Autor/a: el 16 marzo, 2009

banksy

Esta semana me estado rondando la cabeza la peligrosa idea de querer salvar al mundo. Me parece peligrosa por obvias razones y por millones de ejemplos de las buenas intenciones que han adornado multitud de proyectos que terminan en dramas.  Porque lo que me trae a mal traer es que en mi humilde experiencia, los cambios en el mundo o se dan en lo micro, o la hemos cagado. ¿Quién nos asegura que nuestras “verdades” o creencias beneficien a los demás?

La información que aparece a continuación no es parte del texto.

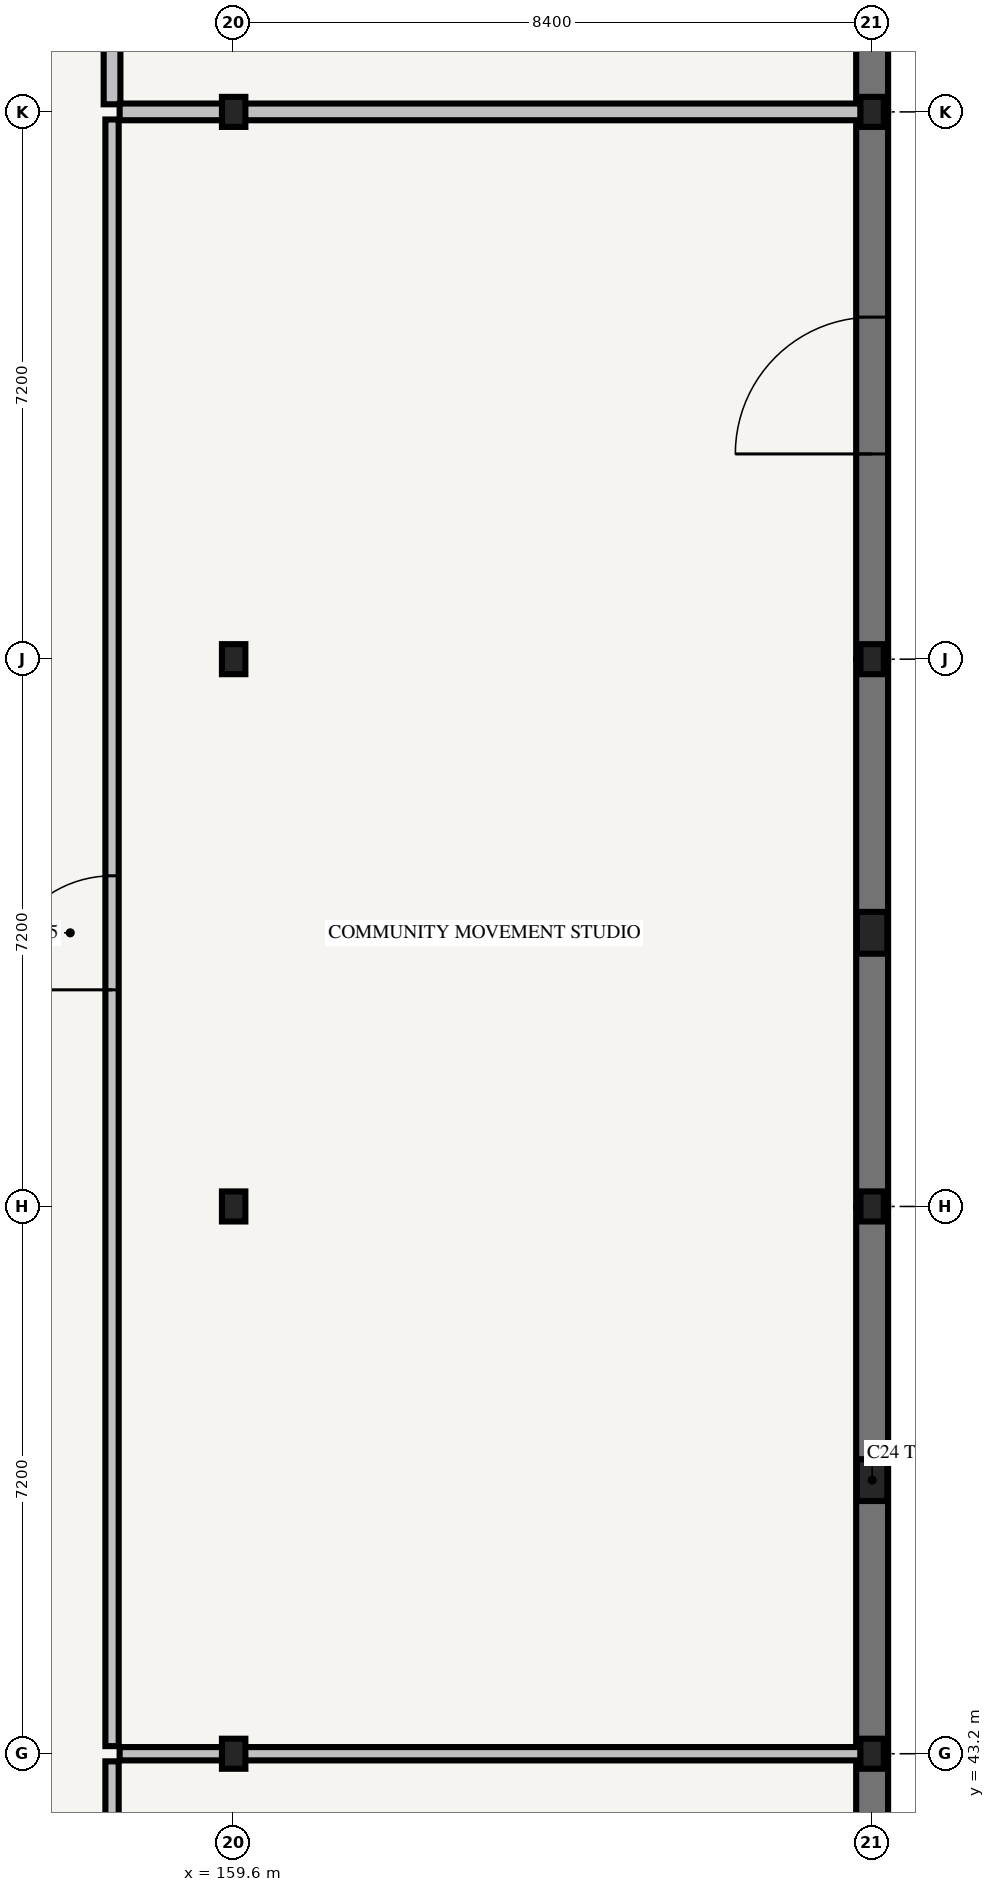
"""IFC4 building model, lengths in metres.
Left out: names, types, materials, properties, quantities, classifications, styles, units other than length and angle.
Written with IfcOpenShell. Run it as: python <this file> out.ifc"""

import sys

from ifc_helpers import new_model, si_unit, direction, frame, frame_2d, origin, origin_2d, place, context, subcontext, project, spatial, rectangle, i_section, extrude, element, fill, save


model = new_model("IFC4")
c1 = context("Model", 3, precision=1e-05, world=origin(), true_north=direction((0.0, 1.0)))
c2 = subcontext(c1, "Body", "Model", "MODEL_VIEW")
j1 = project(units=[si_unit("LENGTHUNIT", "METRE"), si_unit("PLANEANGLEUNIT", "RADIAN")], contexts=[c1])
p1 = place(None, origin())
s1 = spatial("IfcSite", under=j1, at=p1, CompositionType="ELEMENT")
p2 = place(p1, origin())
s2 = spatial("IfcBuilding", under=s1, at=p2, CompositionType="ELEMENT")
p3 = place(p2, origin())
s3 = spatial("IfcBuildingStorey", under=s2, at=p3, CompositionType="ELEMENT", Elevation=0.0)
for number, where, z_axis, x_axis in (
    (1, (159.6, 43.2, -0.42), (0.0, 0.0, 1.0), (1.0, 0.0, 0.0)),
    (2, (159.6, 50.4, -0.42), (0.0, 0.0, 1.0), (1.0, 0.0, 0.0)),
    (3, (159.6, 57.6, -0.42), (0.0, 0.0, 1.0), (1.0, 0.0, 0.0)),
    (4, (159.6, 64.8, -0.42), (0.0, 0.0, 1.0), (1.0, 0.0, 0.0)),
    (5, (168.0, 43.2, -0.42), (0.0, 0.0, 1.0), (1.0, 0.0, 0.0)),
    (6, (168.0, 50.4, -0.42), (0.0, 0.0, 1.0), (1.0, 0.0, 0.0)),
    (7, (168.0, 57.6, -0.42), (0.0, 0.0, 1.0), (1.0, 0.0, 0.0)),
    (8, (168.0, 64.8, -0.42), (0.0, 0.0, 1.0), (1.0, 0.0, 0.0)),
):
    element("IfcColumn", number, at=place(p3, frame(where, z_axis=z_axis, x_axis=x_axis)), inside=s3, PredefinedType="COLUMN", context=c2, shape_type="SweptSolid", body=[
        extrude(i_section(OverallWidth=0.308, OverallDepth=0.395, WebThickness=0.021, FlangeThickness=0.04, FilletRadius=0.027, at=origin_2d()), origin(), (0.0, 0.0, 1.0), 4.92),
    ])
for number, where, z_axis, x_axis in (
    (9, (168.0, 46.8, 0.0), (0.0, 0.0, 1.0), (1.0, 0.0, 0.0)),
    (10, (168.0, 54.0, 0.0), (0.0, 0.0, 1.0), (1.0, 0.0, 0.0)),
):
    element("IfcColumn", number, at=place(p3, frame(where, z_axis=z_axis, x_axis=x_axis)), inside=s3, PredefinedType="PILASTER", context=c2, shape_type="SweptSolid", body=[
        extrude(rectangle(XDim=0.4, YDim=0.55, at=origin_2d()), origin(), (0.0, 0.0, 1.0), 4.5),
    ])
p4 = place(p3, frame((168.0, 36.0, 0.0), z_axis=(0.0, 0.0, 1.0), x_axis=(0.0, 1.0, 0.0)))
e11 = element("IfcWall", 11, at=p4, inside=s3, PredefinedType="SOLIDWALL", context=c2, shape_type="SweptSolid", body=[
    extrude(rectangle(XDim=7.2, YDim=0.42, at=frame_2d((3.6, 0.0))), origin(), (0.0, 0.0, 1.0), 3.755),
])
p5 = place(p4, frame((2.7, 0.0, 0.0)))
e12 = element("IfcOpeningElement", 12, at=p5, cuts=e11, PredefinedType="OPENING", context=c2, shape_type="SweptSolid", body=[
    extrude(rectangle(XDim=1.8, YDim=2.4, at=frame_2d((0.9, 1.2))), frame((0.0, 0.235, 0.0), z_axis=(0.0, -1.0, 0.0), x_axis=(1.0, 0.0, 0.0)), (0.0, 0.0, 1.0), 0.47),
])
p6 = place(p3, frame((168.0, 43.2, 0.0), z_axis=(0.0, 0.0, 1.0), x_axis=(0.0, 1.0, 0.0)))
e13 = element("IfcWall", 13, at=p6, inside=s3, PredefinedType="SOLIDWALL", context=c2, shape_type="SweptSolid", body=[
    extrude(rectangle(XDim=7.2, YDim=0.42, at=frame_2d((3.6, 0.0))), origin(), (0.0, 0.0, 1.0), 3.805),
])
p7 = place(p3, frame((168.0, 50.4, 0.0), z_axis=(0.0, 0.0, 1.0), x_axis=(0.0, 1.0, 0.0)))
e14 = element("IfcWall", 14, at=p7, inside=s3, PredefinedType="SOLIDWALL", context=c2, shape_type="SweptSolid", body=[
    extrude(rectangle(XDim=7.2, YDim=0.42, at=frame_2d((3.6, 0.0))), origin(), (0.0, 0.0, 1.0), 3.705),
])
p8 = place(p3, frame((168.0, 57.6, 0.0), z_axis=(0.0, 0.0, 1.0), x_axis=(0.0, 1.0, 0.0)))
e15 = element("IfcWall", 15, at=p8, inside=s3, PredefinedType="SOLIDWALL", context=c2, shape_type="SweptSolid", body=[
    extrude(rectangle(XDim=7.2, YDim=0.42, at=frame_2d((3.6, 0.0))), origin(), (0.0, 0.0, 1.0), 3.705),
])
p9 = place(p8, frame((2.7, 0.0, 0.0)))
e16 = element("IfcOpeningElement", 16, at=p9, cuts=e15, PredefinedType="OPENING", context=c2, shape_type="SweptSolid", body=[
    extrude(rectangle(XDim=1.8, YDim=2.4, at=frame_2d((0.9, 1.2))), frame((0.0, 0.235, 0.0), z_axis=(0.0, -1.0, 0.0), x_axis=(1.0, 0.0, 0.0)), (0.0, 0.0, 1.0), 0.47),
])
p10 = place(p3, frame((168.0, 64.8, 0.0), z_axis=(0.0, 0.0, 1.0), x_axis=(0.0, 1.0, 0.0)))
e17 = element("IfcWall", 17, at=p10, inside=s3, PredefinedType="SOLIDWALL", context=c2, shape_type="SweptSolid", body=[
    extrude(rectangle(XDim=7.2, YDim=0.42, at=frame_2d((3.6, 0.0))), origin(), (0.0, 0.0, 1.0), 3.755),
])
p11 = place(p3, frame((158.0, 21.6, 0.0), z_axis=(0.0, 0.0, 1.0), x_axis=(0.0, 1.0, 0.0)))
e18 = element("IfcWall", 18, at=p11, inside=s3, PredefinedType="PARTITIONING", context=c2, shape_type="SweptSolid", body=[
    extrude(rectangle(XDim=21.5, YDim=0.175, at=frame_2d((10.75, 0.0))), origin(), (0.0, 0.0, 1.0), 3.62),
])
p12 = place(p11, frame((10.0, 0.0, 0.0)))
e19 = element("IfcOpeningElement", 19, at=p12, cuts=e18, PredefinedType="OPENING", context=c2, shape_type="SweptSolid", body=[
    extrude(rectangle(XDim=1.5, YDim=2.2, at=frame_2d((0.75, 1.1))), frame((0.0, 0.112, 0.0), z_axis=(0.0, -1.0, 0.0), x_axis=(1.0, 0.0, 0.0)), (0.0, 0.0, 1.0), 0.225),
])
p13 = place(p3, frame((158.0, 43.3, 0.0), z_axis=(0.0, 0.0, 1.0), x_axis=(0.0, 1.0, 0.0)))
e20 = element("IfcWall", 20, at=p13, inside=s3, PredefinedType="PARTITIONING", context=c2, shape_type="SweptSolid", body=[
    extrude(rectangle(XDim=21.4, YDim=0.175, at=frame_2d((10.7, 0.0))), origin(), (0.0, 0.0, 1.0), 3.62),
])
p14 = place(p13, frame((9.95, 0.0, 0.0)))
e21 = element("IfcOpeningElement", 21, at=p14, cuts=e20, PredefinedType="OPENING", context=c2, shape_type="SweptSolid", body=[
    extrude(rectangle(XDim=1.5, YDim=2.2, at=frame_2d((0.75, 1.1))), frame((0.0, 0.112, 0.0), z_axis=(0.0, -1.0, 0.0), x_axis=(1.0, 0.0, 0.0)), (0.0, 0.0, 1.0), 0.225),
])
p15 = place(p3, frame((158.1, 43.2, 0.0), z_axis=(0.0, 0.0, 1.0), x_axis=(1.0, 0.0, 0.0)))
e22 = element("IfcWall", 22, at=p15, inside=s3, PredefinedType="PARTITIONING", context=c2, shape_type="SweptSolid", body=[
    extrude(rectangle(XDim=9.75, YDim=0.175, at=frame_2d((4.875, 0.0))), origin(), (0.0, 0.0, 1.0), 3.62),
])
p16 = place(p3, frame((158.0, 64.9, 0.0), z_axis=(0.0, 0.0, 1.0), x_axis=(0.0, 1.0, 0.0)))
e23 = element("IfcWall", 23, at=p16, inside=s3, PredefinedType="PARTITIONING", context=c2, shape_type="SweptSolid", body=[
    extrude(rectangle(XDim=12.15, YDim=0.22, at=frame_2d((6.075, 0.0))), origin(), (0.0, 0.0, 1.0), 3.62),
])
p17 = place(p16, frame((4.55, 0.0, 0.0)))
e24 = element("IfcOpeningElement", 24, at=p17, cuts=e23, PredefinedType="OPENING", context=c2, shape_type="SweptSolid", body=[
    extrude(rectangle(XDim=1.65, YDim=2.3, at=frame_2d((0.825, 1.15))), frame((0.0, 0.135, 0.0), z_axis=(0.0, -1.0, 0.0), x_axis=(1.0, 0.0, 0.0)), (0.0, 0.0, 1.0), 0.27),
])
p18 = place(p3, frame((158.1, 64.8, 0.0), z_axis=(0.0, 0.0, 1.0), x_axis=(1.0, 0.0, 0.0)))
e25 = element("IfcWall", 25, at=p18, inside=s3, PredefinedType="PARTITIONING", context=c2, shape_type="SweptSolid", body=[
    extrude(rectangle(XDim=9.75, YDim=0.22, at=frame_2d((4.875, 0.0))), origin(), (0.0, 0.0, 1.0), 3.62),
])
p19 = place(p9, frame((1.8, 0.0, 0.0), z_axis=(0.0, 0.0, 1.0), x_axis=(-1.0, 0.0, 0.0)))
e26 = element("IfcDoor", 26, at=p19, inside=s3, OperationType="DOUBLE_DOOR_SINGLE_SWING", PredefinedType="DOOR", context=c2, shape_type="SweptSolid", body=[
    extrude(rectangle(XDim=1.8, YDim=2.4, at=frame_2d((0.9, 1.2))), frame((0.0, 0.025, 0.0), z_axis=(0.0, -1.0, 0.0), x_axis=(1.0, 0.0, 0.0)), (0.0, 0.0, 1.0), 0.05),
])
fill(e16, e26)
p20 = place(p14, frame((1.5, 0.0, 0.0), z_axis=(0.0, 0.0, 1.0), x_axis=(-1.0, 0.0, 0.0)))
e27 = element("IfcDoor", 27, at=p20, inside=s3, OperationType="DOUBLE_DOOR_SINGLE_SWING", PredefinedType="DOOR", context=c2, shape_type="SweptSolid", body=[
    extrude(rectangle(XDim=1.5, YDim=2.2, at=frame_2d((0.75, 1.1))), frame((0.0, 0.025, 0.0), z_axis=(0.0, -1.0, 0.0), x_axis=(1.0, 0.0, 0.0)), (0.0, 0.0, 1.0), 0.05),
])
fill(e21, e27)
save(model, sys.argv[1])

Y desde esta pregunta existencial he aterrizado en la siguiente premisa: para bien o para mal, es el individuo el que hace la diferencia. Ya lo decía papá Darwin cuando nos abría la mente revelándonos que la evolución se da en los individuos no en los grupos.

Para mal tenemos el ejemplo cercano –en tiempo – de Madoff, que no es más que el digno heredero de algunas de las ideas de Adam Smith. En una de sus obras maestras, “La riqueza de las naciones”, este padre de la teoría Económica dice: “…no es de la benevolencia del carnicero, cervecero o panadero de donde obtendremos nuestra cena, sino de su preocupación por sus propios intereses …que proviene de nuestra propensión a intercambiar una cosa por otra ”. El egoísmo es el motor del libre mercado. Y así vemos cómo nos ha ido y lo que nos espera si nos seguimos rigiendo por esta idea. 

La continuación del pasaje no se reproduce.